Thoughts, perspectives, ideas and inspirations; through the eyes of an old soul masquerading as a young woman.
Wednesday, January 23, 2013
I originally wrote this on my Facebook........
I originally wrote this on my Facebook........but it was met by so much love and support, I felt I should post it for everyone to see.
In light of my birthday, I have been doing a lot of self-reflecting lately. 9 years ago, at the ripe old age of 18, I was constantly asked what I wanted out of my future; where would I be in 10 years?
I tell you, I NEVER imagined my life would take the path it has.
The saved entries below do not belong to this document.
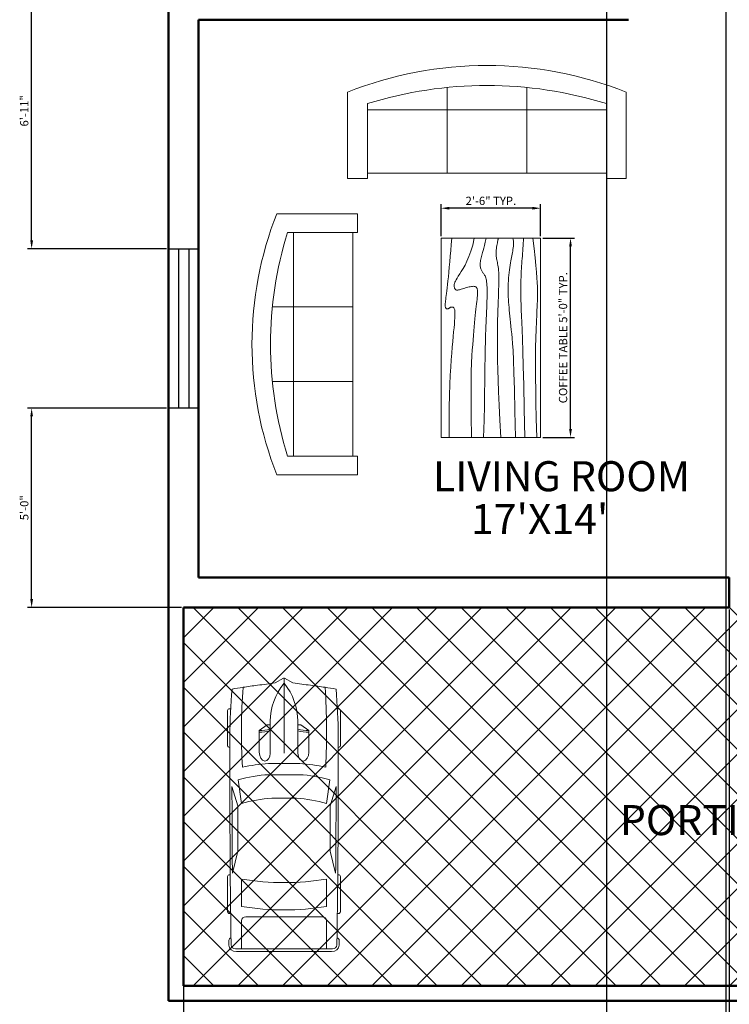
# Model space of a CAD drawing. Units: inches. Extents: x 2691 to 8091, y 3734 to 9067.
# Tile 2 of 5: x 2693 to 2906, y 3884 to 4181. Entities that reach past the tile are written whole.
import ezdxf

# ---------------------------------------------------------------- set-up
doc = ezdxf.new("R2010")
doc.units = ezdxf.units.IN
doc.layers.get('0').update_dxf_attribs({"color": 80})
for name, color, linetype, lineweight in [('A-ANNO-DIMS', 2, 'Continuous', 18), ('A-AREA-IDEN', 7, 'Continuous', 18), ('A-EQPM-VEH', 1, 'Continuous', 18), ('A-FLOR-PATT', 252, 'Continuous', 13), ('A-FURN', 8, 'Continuous', 18), ('A-WALL', 50, 'Continuous', 50), ('window', 4, 'Continuous', 25)]:
    doc.layers.add(name, color=color, linetype=linetype, lineweight=lineweight)
doc.styles.get("Standard").update_dxf_attribs({"font": 'arial.ttf'})
doc.dimstyles.new('ISO-25', dxfattribs={"dimtxt": 2.5, "dimasz": 2.5, "dimexe": 1.25, "dimexo": 0.625, "dimtad": 1, "dimdec": 1, "dimlunit": 3, "dimtxsty": 'Standard', "dimcen": 2.5, "dimadec": 0, "dimazin": 0, "dimtfac": 1, "dimtdec": 1, "dimtmove": 0, "dimatfit": 3, "dimfxl": 1, "dimarcsym": 0})

# ---------------------------------------------------------------- blocks, each defined once
blk = doc.blocks.new('Sofa - Roundback 7 ft.')
for p, q in [((-12.00002, -32.4421), (-12.00003, -6.5971)), ((11.99997, -32.4421), (11.99998, -6.5971)), ((-36.000027, -34), (-36.000027, -11.4696)), ((35.99998, -34), (35.99998, -11.4696)), ((-35.999844, -13.3819), (35.9998, -13.3819)), ((-36.000027, -32.4421), (35.99998, -32.4421))]:
    blk.add_line(p, q)
for points in [[(-36.000027, -34), (-42.000027, -34), (-42.000027, -8)], [(41.99998, -8), (41.99998, -34), (35.99998, -34)]]:
    blk.add_lwpolyline(points)
for centre, radius, start, end in [((0, -114.25), 114.25, 68.43141, 111.5686), ((-0.00001, -127.1968), 121.1968, 72.72033, 107.2797)]:
    blk.add_arc(centre, radius, start, end)
blk = doc.blocks.new('Table - Rectangular Woodgrain 60 x 30 in.')
for p, q in [((0, 0), (0, -30)), ((60, 0), (0, 0)), ((60, -30), (60, 0)), ((0, -30), (60, -30))]:
    blk.add_line(p, q)
for points in [[(0, -2.4), (4.8155, -2.418), (9.0302, -2.4688), (12.709, -2.5477), (15.9167, -2.65), (18.7181, -2.7711), (21.1781, -2.9063), (23.3616, -3.0508), (25.3333, -3.2), (27.1477, -3.3495), (28.8172, -3.4958), (30.3437, -3.636), (31.7291, -3.7667), (32.9756, -3.8849), (34.0849, -3.9875), (35.059, -4.0714), (35.9, -4.1334), (36.6114, -4.1711), (37.2041, -4.1854), (37.6906, -4.1779), (38.0833, -4.15), (38.3948, -4.1034), (38.6375, -4.0396), (38.8239, -3.9602), (38.9666, -3.8667), (39.0764, -3.7608), (39.1573, -3.6448), (39.2116, -3.521), (39.2416, -3.3917), (39.2498, -3.2593), (39.2385, -3.1261), (39.21, -2.9944), (39.1666, -2.8667), (39.111, -2.7447), (39.0468, -2.6281), (38.978, -2.5163), (38.9083, -2.4083), (38.8418, -2.3035), (38.7823, -2.201), (38.7337, -2.1001), (38.7, -2), (38.6844, -1.9003), (38.6875, -1.8021), (38.7094, -1.707), (38.75, -1.6167), (38.8094, -1.5326), (38.8875, -1.4563), (38.9844, -1.3893), (39.1, -1.3333), (39.2351, -1.2896), (39.3937, -1.2583), (39.5804, -1.2396), (39.8, -1.2333), (40.057, -1.2396), (40.3562, -1.2583), (40.7023, -1.2896), (41.1, -1.3333), (41.5547, -1.3895), (42.0755, -1.4573), (42.6721, -1.5361), (43.3542, -1.625), (44.1316, -1.7233), (45.014, -1.8302), (46.0114, -1.9449), (47.1333, -2.0667), (48.3862, -2.1947), (49.7625, -2.3281), (51.2513, -2.4663), (52.8416, -2.6083), (54.5226, -2.7535), (56.2833, -2.9011), (58.1127, -3.0501), (60, -3.2)], [(0, -9.2), (6.5759, -9.0858), (11.9385, -9.0365), (16.2527, -9.0418), (19.6833, -9.0917), (22.3952, -9.1759), (24.5531, -9.2844), (26.322, -9.4069), (27.8666, -9.5333), (29.3241, -9.6553), (30.7203, -9.7719), (32.0532, -9.8837), (33.3208, -9.9917), (34.5213, -10.0965), (35.6526, -10.199), (36.7128, -10.2999), (37.7, -10.4), (38.6129, -10.4996), (39.4531, -10.5969), (40.223, -10.6895), (40.925, -10.775), (41.5613, -10.8512), (42.1344, -10.9156), (42.6465, -10.966), (43.1, -11), (43.4976, -11.0158), (43.8437, -11.0136), (44.143, -10.9942), (44.4, -10.9583), (44.6195, -10.9069), (44.8062, -10.8406), (44.9648, -10.7603), (45.1, -10.6667), (45.2155, -10.5598), (45.3114, -10.4365), (45.3871, -10.2929), (45.4416, -10.125), (45.4743, -9.929), (45.4844, -9.7011), (45.4709, -9.4371), (45.4333, -9.1333), (45.3716, -8.7883), (45.2896, -8.4104), (45.1919, -8.0107), (45.0833, -7.6), (44.9685, -7.1893), (44.8521, -6.7896), (44.7388, -6.4117), (44.6333, -6.0667), (44.54, -5.7628), (44.4614, -5.4979), (44.4001, -5.2675), (44.3583, -5.0667), (44.3384, -4.8909), (44.3427, -4.7354), (44.3736, -4.5956), (44.4333, -4.4667), (44.5236, -4.3453), (44.6427, -4.2333), (44.7884, -4.1339), (44.9583, -4.05), (45.1501, -3.9849), (45.3614, -3.9417), (45.59, -3.9234), (45.8333, -3.9333), (46.0915, -3.9749), (46.3734, -4.0531), (46.6906, -4.1736), (47.0542, -4.3417), (47.4756, -4.5629), (47.9661, -4.8427), (48.5372, -5.1866), (49.2, -5.6), (49.9676, -6.0844), (50.8594, -6.625), (51.8965, -7.2031), (53.1, -7.8), (54.491, -8.3969), (56.0906, -8.975), (57.9199, -9.5156), (60, -10)], [(0, -12.8), (5.1847, -12.9322), (9.6213, -13.0323), (13.3963, -13.1059), (16.5958, -13.1583), (19.3063, -13.1952), (21.614, -13.2219), (23.6054, -13.2439), (25.3666, -13.2667), (26.9728, -13.2947), (28.4531, -13.3281), (29.8256, -13.3663), (31.1083, -13.4083), (32.3191, -13.4535), (33.476, -13.501), (34.597, -13.5501), (35.7, -13.6), (36.7984, -13.6497), (37.8875, -13.6979), (38.9578, -13.743), (40, -13.7833), (41.0047, -13.8174), (41.9625, -13.8438), (42.864, -13.8607), (43.7, -13.8667), (44.4631, -13.8604), (45.1552, -13.8417), (45.7801, -13.8104), (46.3416, -13.7667), (46.8439, -13.7104), (47.2906, -13.6417), (47.6858, -13.5604), (48.0333, -13.4667), (48.3375, -13.3608), (48.6042, -13.2448), (48.8396, -13.121), (49.05, -12.9917), (49.2417, -12.8593), (49.4208, -12.7261), (49.5937, -12.5944), (49.7667, -12.4667), (49.9452, -12.3451), (50.1323, -12.2313), (50.3303, -12.1268), (50.5416, -12.0333), (50.7686, -11.9524), (51.0135, -11.8854), (51.2788, -11.8341), (51.5666, -11.8), (51.8785, -11.7843), (52.2116, -11.7865), (52.562, -11.8059), (52.926, -11.8417), (53.2998, -11.8931), (53.6795, -11.9594), (54.0614, -12.0397), (54.4416, -12.1333), (54.8223, -12.2401), (55.2293, -12.3625), (55.6942, -12.5037), (56.2489, -12.6667), (56.9251, -12.8547), (57.7545, -13.0708), (58.7689, -13.3182), (60, -13.6)], [(0, -18), (5.124, -17.7273), (9.6609, -17.5057), (13.6705, -17.3303), (17.2125, -17.1958), (20.3467, -17.0973), (23.1328, -17.0297), (25.6307, -16.9878), (27.9, -16.9667), (29.9928, -16.9617), (31.9302, -16.9703), (33.7254, -16.9907), (35.3917, -17.0208), (36.9423, -17.0588), (38.3906, -17.1026), (39.7499, -17.1503), (41.0333, -17.2), (42.2519, -17.2496), (43.4073, -17.2969), (44.4986, -17.3395), (45.525, -17.375), (46.4858, -17.4012), (47.3802, -17.4156), (48.2074, -17.416), (48.9667, -17.4), (49.6583, -17.3662), (50.2872, -17.3167), (50.8595, -17.2547), (51.3812, -17.1833), (51.8584, -17.1057), (52.2971, -17.025), (52.7034, -16.9443), (53.0833, -16.8667), (53.443, -16.7951), (53.789, -16.7313), (54.128, -16.6768), (54.4666, -16.6334), (54.8115, -16.6024), (55.1693, -16.5854), (55.5465, -16.5841), (55.95, -16.6), (56.3828, -16.6337), (56.8346, -16.6823), (57.2915, -16.7418), (57.7396, -16.8084), (58.165, -16.878), (58.5539, -16.9469), (58.8924, -17.0111), (59.1666, -17.0667), (59.3679, -17.1107), (59.5078, -17.1438), (59.6032, -17.1675), (59.6708, -17.1833), (59.7275, -17.193), (59.7901, -17.1979), (59.8753, -17.1998), (60, -17.2)], [(0, -22.4), (8.0098, -22.2501), (14.4094, -22.1011), (19.4168, -21.9535), (23.25, -21.8083), (26.1269, -21.6663), (28.2656, -21.5281), (29.884, -21.3947), (31.2, -21.2667), (32.3967, -21.1448), (33.5172, -21.0292), (34.5697, -20.9198), (35.5625, -20.8167), (36.5037, -20.7198), (37.4015, -20.6292), (38.2642, -20.5448), (39.1, -20.4667), (39.9164, -20.3951), (40.7187, -20.3313), (41.5117, -20.2768), (42.3, -20.2333), (43.0883, -20.2024), (43.8812, -20.1854), (44.6836, -20.1841), (45.5, -20.2), (46.3328, -20.234), (47.1747, -20.2844), (48.0163, -20.3488), (48.8479, -20.425), (49.66, -20.5106), (50.4429, -20.6031), (51.1872, -20.7004), (51.8833, -20.8), (52.5246, -20.8999), (53.1166, -20.9995), (53.6681, -21.0983), (54.1875, -21.1958), (54.6834, -21.2919), (55.1646, -21.3859), (55.6394, -21.4777), (56.1167, -21.5667), (56.6028, -21.6515), (57.0961, -21.7266), (57.5929, -21.7852), (58.0896, -21.8208), (58.5823, -21.8268), (59.0674, -21.7964), (59.5412, -21.723), (60, -21.6)], [(0, -25.2), (8.6355, -25.0504), (15.7026, -24.9031), (21.4049, -24.7606), (25.9458, -24.625), (29.529, -24.4988), (32.3578, -24.3844), (34.6359, -24.284), (36.5667, -24.2), (38.3213, -24.1341), (39.9417, -24.0854), (41.437, -24.0523), (42.8167, -24.0333), (44.0901, -24.0268), (45.2667, -24.0313), (46.3557, -24.0451), (47.3667, -24.0667), (48.309, -24.0947), (49.1928, -24.1287), (50.0284, -24.168), (50.826, -24.2125), (51.5959, -24.2617), (52.3483, -24.3151), (53.0935, -24.3725), (53.8417, -24.4334), (54.6009, -24.497), (55.3699, -24.561), (56.1454, -24.6226), (56.9239, -24.6792), (57.7021, -24.7279), (58.4764, -24.7662), (59.2435, -24.7911), (60, -24.8)], [(0, -28.8), (5.6867, -28.6681), (10.45, -28.5698), (14.407, -28.5012), (17.675, -28.4584), (20.3711, -28.4374), (22.6125, -28.4344), (24.5164, -28.4455), (26.2, -28.4667), (27.762, -28.4947), (29.2276, -28.5281), (30.6033, -28.5663), (31.8958, -28.6084), (33.1118, -28.6535), (34.2578, -28.7011), (35.3405, -28.7501), (36.3666, -28.8), (37.3443, -28.8497), (38.288, -28.8974), (39.2137, -28.9412), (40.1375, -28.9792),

I had every intention of going to college, getting my law degree, and serving on the bench, preferably as a Supreme Court Justice.
I assumed I would live in a big city like New York or D.C. I envisioned the 9-5 job with the briefcase and suit, eating on the go, and living in a condo / apartment in the city. I even considered the fact that I may enjoy may career so much, I might decide to never have kids (perhaps even a husband).
But now, nine years later, I find my life has taken a very different course. I am a stay-at-home wife with a husband, dog, and home in the country. I can remember thinking I would NEVER be the stay-at-home type, because I would go crazy sitting at home doing nothing all day. And, I remember a very proud feminist telling me that it is a woman's duty to work outside the home because otherwise she would be squandering the equality women worked so hard for. How DARE a woman even consider being a housewife!
Today, I am happily married, steadily approaching my 5th wedding anniversary. No kids yet, but I'm the proud parent to a Beagle / Bulldog mix. I don't have a condo in the city, but rather a home on 10 acres of woods.
I do not have, nor am I working towards my law degree. I have 52 hours combined in the fields of Political Science & Psychology. Neither fields, I discovered, have any actual interest to me. I don't want to practice law, or be a judge. I dealt with too many shitty ones while working in jails to want to work with them. I don't want to be a Psychologist because, lets face it, I have enough issues of my own. I don't need to deal with other people's issues all day.
In thinking of other fields of study that I would enjoy devoting my life too, I discovered that there was not one. Instead, i have found my niche, or "calling" if you will, here at home. I LOVE being a housewife. It's not the cushy "sit around eating bonbons & watching soaps" that I had once envisioned. Nor is it the the diva / drama life Hollywood has portrayed in "Desperate Housewives" and all it's reality spin-offs. Far from it!
Staying at home has shown me I can do more than I ever imagined I could. Yes, I cook & clean & run the house, just as most people envision a housewife doing. But I also sew, patch, and mend our clothes, repair furniture, landscape & garden, preserve food (canning, freezing, drying), forage off the land (blackberries, polk greens, mouse melons, wild garlic, pecans, etc.), maintain an extensive stockpile of household necessities, split firewood, gather kindling, do general yard-work, up-cycle, reuse & re-purpose used items, and have become VERY resourceful. I can cook from scratch, make & preserve my own broths / stocks, butcher larger chunks of meat, and waste very little. I can make homemade potpourri, compost, and cleaning supplies. I have studied herbalism and can use a variety of herbs medicinally.
The list goes on & on. In 2009, when we had the big ice storm, I realized that if shit hit the fan, I would not be capable of surviving for long. Since then, I have worked hard to change that. I've learned to waste nothing, use everything, and be as resourceful and self-sufficient as possible. I have learned the value of sweat-equity, and have pride in my full-time job of being a housewife. I certainly do not do "nothing" all day, and my job doesn't start at 9 and end at 5. it is an all-day, every-day job.
I don't see that I am "squandering my equality," as was suggested by a classmate so many years ago. If you major in Sociology, aren't you just as equal to someone who majored in Secondary Education? They will not have learned the same things as you, but you are both skilled in different areas. I may not have majored in law, psychology or business, or have a framed (expensive) piece of paper on my wall, but I am highly skilled in Home Economics and the "documentation" is in how we live. I can't do the engineering things my husband can do, but then again, he can't do a lot of the household things I do. I'm sorry, but living off Ramen noodles with salt as the only spice you own doesn't cut it!
If you would have told me when i graduated high school that in less than 10 years, I would transform in to a homesteading, country-loving, southern-bell housewife, I would have told you to stop hitting the bottle so much. But looking back at the journey I've been on the past 9 years, I couldn't wish for anything different. I love where I am, and more importantly WHO I am. I am a happy, resourceful, intelligent, hard-working, skilled partner who loves life, her family, and her job. I can't pinpoint the event that shifted the direction my life was headed, but it doesn't matter. All that matters is that, for whatever reason, it did, and I am here now, and I am SO happy.